# router bits for picture frames



## carlp. (Nov 3, 2012)

which bits to use for picture frames. carl


----------



## Phil P (Jul 25, 2010)

Hi Carl

There are loads of them. Plus you can use two or more in combination. And frames can be made-up by combining two or more pieces of timber. The most obvious starters would be something like cove or ball-nose bits, ovolo or round-over bits and beads. And that's before you start on specialist architrave and picture frame moulding bits. The choice is (seemingly) endless

Regards

Phil


----------



## carlp. (Nov 3, 2012)

Phil P said:


> Hi Carl
> 
> There are loads of them. Plus you can use two or more in combination. And frames can be made-up by combining two or more pieces of timber. The most obvious starters would be something like cove or ball-nose bits, ovolo or round-over bits and beads. And that's before you start on specialist architrave and picture frame moulding bits. The choice is (seemingly) endless
> 
> ...


Hi Phil I tried to order bits from Wealden but they flatly refused to supply me here in South Africa tried to plead with them but to no avail. carl


----------



## Cherryville Chuck (Sep 28, 2010)

Carl if check through my uploads I know I posted 1 or 2 pics of frames. One for sure was made with a 3/8" bullnose and the rest of the profile was with several sizes of ball nose bits just like Phil suggested. I copied a pattern I saw at a framing shop that wanted $25/ft for it. I had a homemade horizontal router setup though and it proved very handy for making frames. 

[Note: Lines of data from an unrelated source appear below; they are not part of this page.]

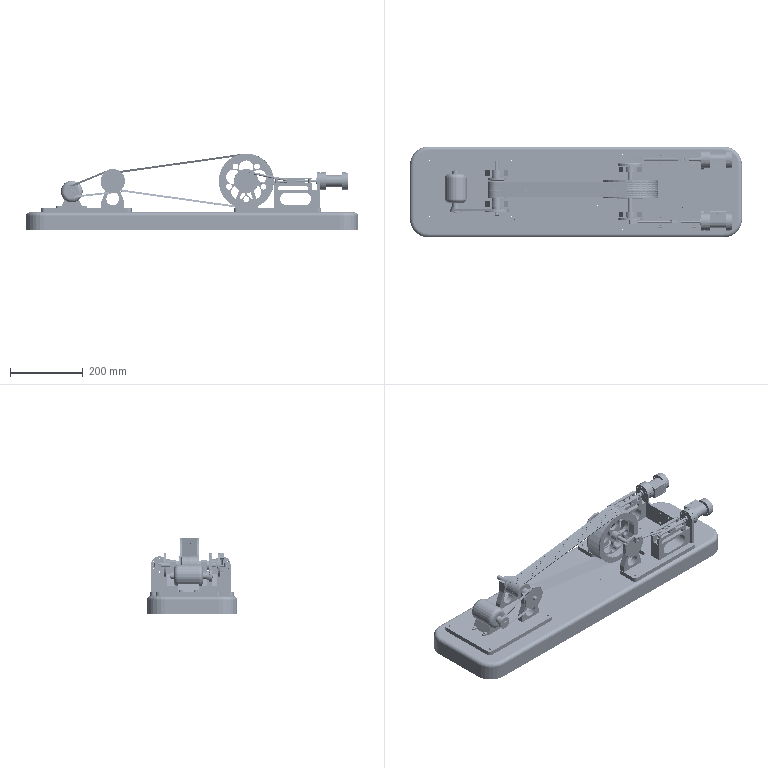Assembly | NX | mm | 63 component files | 63 solids | 1003 faces | box 915 x 250 x 212 mm | volume 14019484 mm3 | plane 402 | cylinder 384 | cone 186 | torus 16 | spline 15 | commonest cylinder face diameters 4 x86 3.3 x44 6 x42 5 x24 3 x24 12 x18 25 x18 10 x18
Bill of materials:
unnamed part 1 | 2 |  | Rectangular block with an obround (stadium-shaped) through-slot across its large side faces, four small holes on the top face near the ends, and two larger holes on one end face.
unnamed part 2 | 1 |  | Thin flat plate with rounded outer corners and a rectangular U-shaped notch with filleted inner corners cut into one edge; twelve small through-holes are spread across the plate.
unnamed part 3 | 2 |  | Rectangular flat plate with four through-holes, one near each corner.
unnamed part 4 | 4 |  | Thin circular ring (flat annulus) with a narrow rectangular-like cross-section.
unnamed part 5 | 1 |  | Single-groove V-profile pulley/sheave disc with a cylindrical hub protruding from one face and a central through-bore.
unnamed part 6 | 4 |  | Flat rectangular bar/strip with one through-hole near each end.
unnamed part 7 | 4 |  | Bridge-shaped bar with an inverted-U profile: a long top beam with a short leg at each end, filleted inner corners, and one vertical through-hole near each end on the top face.
unnamed part 8 | 2 |  | Circular disc with a central through-hole, a smaller off-center through-hole near the rim, and a shallow low boss on one face.
unnamed part 9 | 2 |  | Short solid cylinder with two rectangular circumferential grooves and a small central through-bore; one outer edge appears lightly chamfered.
unnamed part 10 | 1 |  | Thin flat plate with two raised rounded lobes at its ends; each lobe has a large central hole surrounded by six small holes, and the main body has eight medium holes in two rows. The inner corners between the lobes are filleted.
unnamed part 11 | 2 |  | Stepped cylindrical rod/shaft: a long main diameter with a short reduced-diameter section at one end.
unnamed part 12 | 1 |  | Cylindrical body with a bellows-like zigzag (convoluted) outer profile between two end flanges, plus a cylindrical hub at each end. It has a central through-bore and a small radial cross-hole in each hub.
unnamed part 13 | 1 |  | Long, slender solid cylindrical shaft or pin. Both ends step down to a short section of smaller diameter.
unnamed part 14 | 1 |  | Wheel shaped like a pulley. Its outer rim has several circumferential V-profile grooves. Inside the rim is a recessed web with five large and five small round lightening holes, around a central hub boss with a bore.
unnamed part 15 | 1 |  | Horizontal cylindrical body with rounded ends and a through-bore on its axis. It sits on a pedestal with tapered sides and a flat base. The base has four eared mounting tabs, each with a hole.
unnamed part 16 | 7 |  | Thin closed loop band with a teardrop shape. One end has a large rounded curve and the other a small rounded curve, joined by two straight tangent runs.
unnamed part 17 | 1 |  | Flat rectangular plate with rounded corners and twelve small through-holes. There is one hole near each corner. The other eight form two rectangular groups of four, each group with different spacing.
unnamed part 18 | 2 |  | Link made of a slender round rod joining two block-shaped end eyes. One block has a larger hole and chamfered corners. The other block has a rounded end and a smaller hole.
unnamed part 19 | 2 |  | Rectangular block with a rectangular notch cut in from one side, giving a U/C shape in plan. Round cross-holes pass through the side faces. A narrow rib or tongue projects from the bottom face.
unnamed part 20 | 1 |  | Stepped round shaft. One end has a collar and a short pilot spigot. The other end has stepped shoulders, a V-grooved sheave-like flange and a small end spigot.
unnamed part 21 | 2 |  | Housing with a rectangular box-shaped centre between two round end flanges. A large bore runs through along the axis. Each flange has six bolt holes in a circle. The box faces carry small holes and a set of short slots.
unnamed part 22 | 2 |  | Circular flange disc with a central bore and six bolt holes in a circle. A cylindrical hub projects from one face and a short raised face sits on the other.
unnamed part 23 | 8 |  | Plain cylindrical tube or bushing with a concentric through-bore and flat ends.
unnamed part 24 | 2 |  | Solid circular disc (blind-flange style) with six bolt holes in a circle and no central bore. A shallow raised face sits on one side and the edge is slightly chamfered.
unnamed part 25 | 4 |  | Flat plate of constant thickness with a bracket-like outline: a short semicircular lobe on top, a rectangular upper section, sides that flare outward lower down, and a rectangular base. It has a small round through-hole near the top and a large pear-shaped through-cutout below it, narrow at the top and wide and round at the bottom.
unnamed part 26 | 1 |  | Thin, long rectangular slab or pad with rounded corners in plan view and rounded or filleted edges around the top face. The bottom edge looks sharp.
unnamed part 27 | 1 |  | Long solid cylindrical rod with flat ends and two pairs of small cylindrical pins sticking out sideways. The pairs sit at two places along the rod, and in each pair the pins point in opposite directions.
unnamed part 28 | 1 |  | Thin closed-loop band with a uniform cross-section, shaped like a teardrop: a large rounded end and a small rounded end joined by two straight, converging sides. It is open in the middle and has no web.
Mates:
1. fix | base 1 component
2. concentric | base 1 arc | base_plate_1 1 edge
3. parallel | base_plate_1 1 face | base 1 face
4. concentric | support_block 2 edge | base_plate_1 1 edge
5. parallel | support_block 2 face | base_plate_1 1 face
6. parallel | support_block 1 face | support_block 2 face
7. concentric | support_block 1 edge | leg 4 edge
8. parallel | leg 4 face | support_block 1 face
9. concentric | support_block 1 edge | leg 3 edge
10. parallel | leg 3 face | support_block 1 face
11. concentric | support_block 2 edge | leg 2 edge
12. parallel | leg 2 face | support_block 2 face
13. concentric | support_block 2 edge | leg 1 edge
14. parallel | leg 1 face | support_block 2 face
15. concentric | fixed_post 8 arc | leg 4 edge
16. concentric | fixed_post 7 arc | leg 4 edge
17. concentric | fixed_post 6 arc | leg 3 edge
18. concentric | fixed_post 5 arc | leg 3 edge
19. concentric | fixed_post 8 edge | guide_plate 4 arc
20. parallel | guide_plate 4 face | leg 4 face
21. concentric | fixed_post 6 edge | guide_plate 3 arc
22. parallel | guide_plate 3 face | support_block 1 face
23. concentric | fixed_post 4 arc | leg 2 edge
24. concentric | fixed_post 3 arc | leg 2 edge
25. concentric | fixed_post 2 arc | leg 1 edge
26. concentric | fixed_post 1 arc | leg 1 edge
27. concentric | fixed_post 4 edge | guide_plate 2 arc
28. parallel | guide_plate 2 face | leg 2 face
29. concentric | fixed_post 2 edge | guide_plate 1 arc
30. parallel | guide_plate 1 face | leg 1 face
31. concentric | support_block 2 edge | piston_cylinder_mount_plate 1 arc
32. parallel | piston_cylinder_mount_plate 1 face | base 1 face
33. concentric | bracket 4 edge | base_plate_1 1 edge
34. parallel | bracket 4 face | base_plate_1 1 face
35. concentric | base_plate_1 1 edge | bracket 3 edge
36. parallel | bracket 3 face | base_plate_1 1 face
37. concentric | end_cap_2 2 edge | piston_cylinder_mount_plate 1 edge
38. concentric | end_cap_2 2 edge | piston_cylinder_mount_plate 1 edge
39. concentric | end_cap_2 1 edge | piston_cylinder_mount_plate 1 edge
40. concentric | end_cap_2 1 edge | piston_cylinder_mount_plate 1 edge
41. concentric | piston_cylinder 2 edge | end_cap_2 2 edge
42. parallel | piston_cylinder 2 face | piston_cylinder_mount_plate 1 face
43. concentric | end_cap_2 1 edge | piston_cylinder 1 edge
44. parallel | piston_cylinder 1 face | base 1 face
45. concentric | piston_cylinder 1 edge | end_cap_1 2 edge
46. concentric | end_cap_1 2 edge | piston_cylinder 1 edge
47. concentric | piston_cylinder 2 edge | end_cap_1 1 edge
48. concentric | end_cap_1 1 edge | piston_cylinder 2 edge
49. concentric | base_plate_2 1 arc | base 1 edge
50. parallel | base_plate_2 1 face | base 1 face
51. concentric | base_plate_2 1 edge | bracket 2 edge
52. parallel | bracket 2 face | base_plate_2 1 face
53. concentric | bracket 1 edge | base_plate_2 1 edge
54. parallel | bracket 1 face | bracket 2 face
55. concentric | base_plate_2 1 edge | motor 1 edge
56. parallel | motor 1 face | base 1 face
57. touch align | large_pulley_shaft 1 face | bracket 4 face
58. center | large_pulley_shaft 1 face | large_pulley_shaft 1 face | bracket 3 face | bracket 4 face
59. touch align | large_pulley 1 face | large_pulley_shaft 1 face
60. touch align | small_pulley_shaft 1 face | bracket 1 face
61. center | small_pulley_shaft 1 face | small_pulley_shaft 1 face | bracket 1 face | bracket 2 face
62. touch align | small_pulley 1 face | small_pulley_shaft 1 face
63. touch align | small_pulley 1 face | small_pulley_shaft 1 face
64. bond | bracket 2 component | assembly component
65. bond | large_belt 7 component | assembly component
66. bond | large_belt 6 component | assembly component
67. bond | large_belt 5 component | assembly component
68. bond | large_belt 4 component | assembly component
69. bond | large_belt 3 component | assembly component
70. bond | large_belt 2 component | assembly component
71. linear | assembly datumaxis | assembly cartesiancoordinatesystem | assembly cartesiancoordinatesystem | assembly cartesiancoordinatesystem | assembly cartesiancoordinatesystem | assembly cartesiancoordinatesystem | assembly cartesiancoordinatesystem | assembly cartesiancoordinatesystem
72. bond | large_belt 1 component | assembly component
73. concentric | cam 2 edge | large_pulley_shaft 1 edge
74. perpendicular | cam 2 face | large_pulley_shaft 1 face
75. perpendicular | cam 1 face | large_pulley_shaft 1 face
76. concentric | cam 1 arc | large_pulley_shaft 1 edge
77. concentric | piston_ring 4 edge | piston 2 edge
78. concentric | piston_ring 3 edge | piston 2 edge
79. concentric | piston_rod 2 edge | piston 2 edge
80. touch align | slider 2 face | piston_rod 2 face
81. distance | slider 2 face | piston 2 face
82. touch align | piston_rod 2 face | end_cap_2 2 face
83. parallel | slider 2 face | guide_plate 1 face
84. touch align | connecting_rod_1 2 face | slider 2 face
85. concentric | connecting_rod_1 2 edge | cam 1 edge
86. concentric | piston_ring 2 edge | piston 1 edge
87. concentric | piston_ring 1 edge | piston 1 edge
88. concentric | piston_rod 1 edge | piston 1 edge
89. touch align | piston_rod 1 face | end_cap_2 1 face
90. concentric | support_block 1 edge | piston_cylinder_mount_plate 1 edge
91. concentric | slider 1 edge | piston_rod 1 edge
92. parallel | slider 1 face | guide_plate 4 face
93. touch align | connecting_rod_1 1 face | slider 1 face
94. center | connecting_rod_1 1 face | connecting_rod_1 1 face | slider 1 face | slider 1 face
95. touch align | cam 2 face | connecting_rod_1 1 face
96. concentric | end_cap 2 arc | piston_cylinder 1 edge
97. parallel | piston_cylinder 1 face | end_cap 2 face
98. concentric | end_cap 1 arc | piston_cylinder 2 edge
99. parallel | end_cap 1 face | piston_cylinder 2 face
100. touch align | pulley_2 1 face | small_pulley_shaft 1 face
101. concentric | motor_shaft 1 edge | motor 1 edge
102. center | motor_shaft 1 face | motor_shaft 1 face | pulley_2 1 face | pulley_2 1 face
103. bond | belt_2 1 component | pulley_2 1 component

Elite Tools in Canada have a picture frame set and Yonnico (also doing business as Precision Bits) does too. Both are decent quality budget priced bits and they might ship to you.


----------



## carlp. (Nov 3, 2012)

*picture frame bits*



Cherryville Chuck said:


> Carl if check through my uploads I know I posted 1 or 2 pics of frames. One for sure was made with a 3/8" bullnose and the rest of the profile was with several sizes of ball nose bits just like Phil suggested. I copied a pattern I saw at a framing shop that wanted $25/ft for it. I had a homemade horizontal router setup though and it proved very handy for making frames.
> 
> Elite Tools in Canada have a picture frame set and Yonnico (also doing business as Precision Bits) does too. Both are decent quality budget priced bits and they might ship to you.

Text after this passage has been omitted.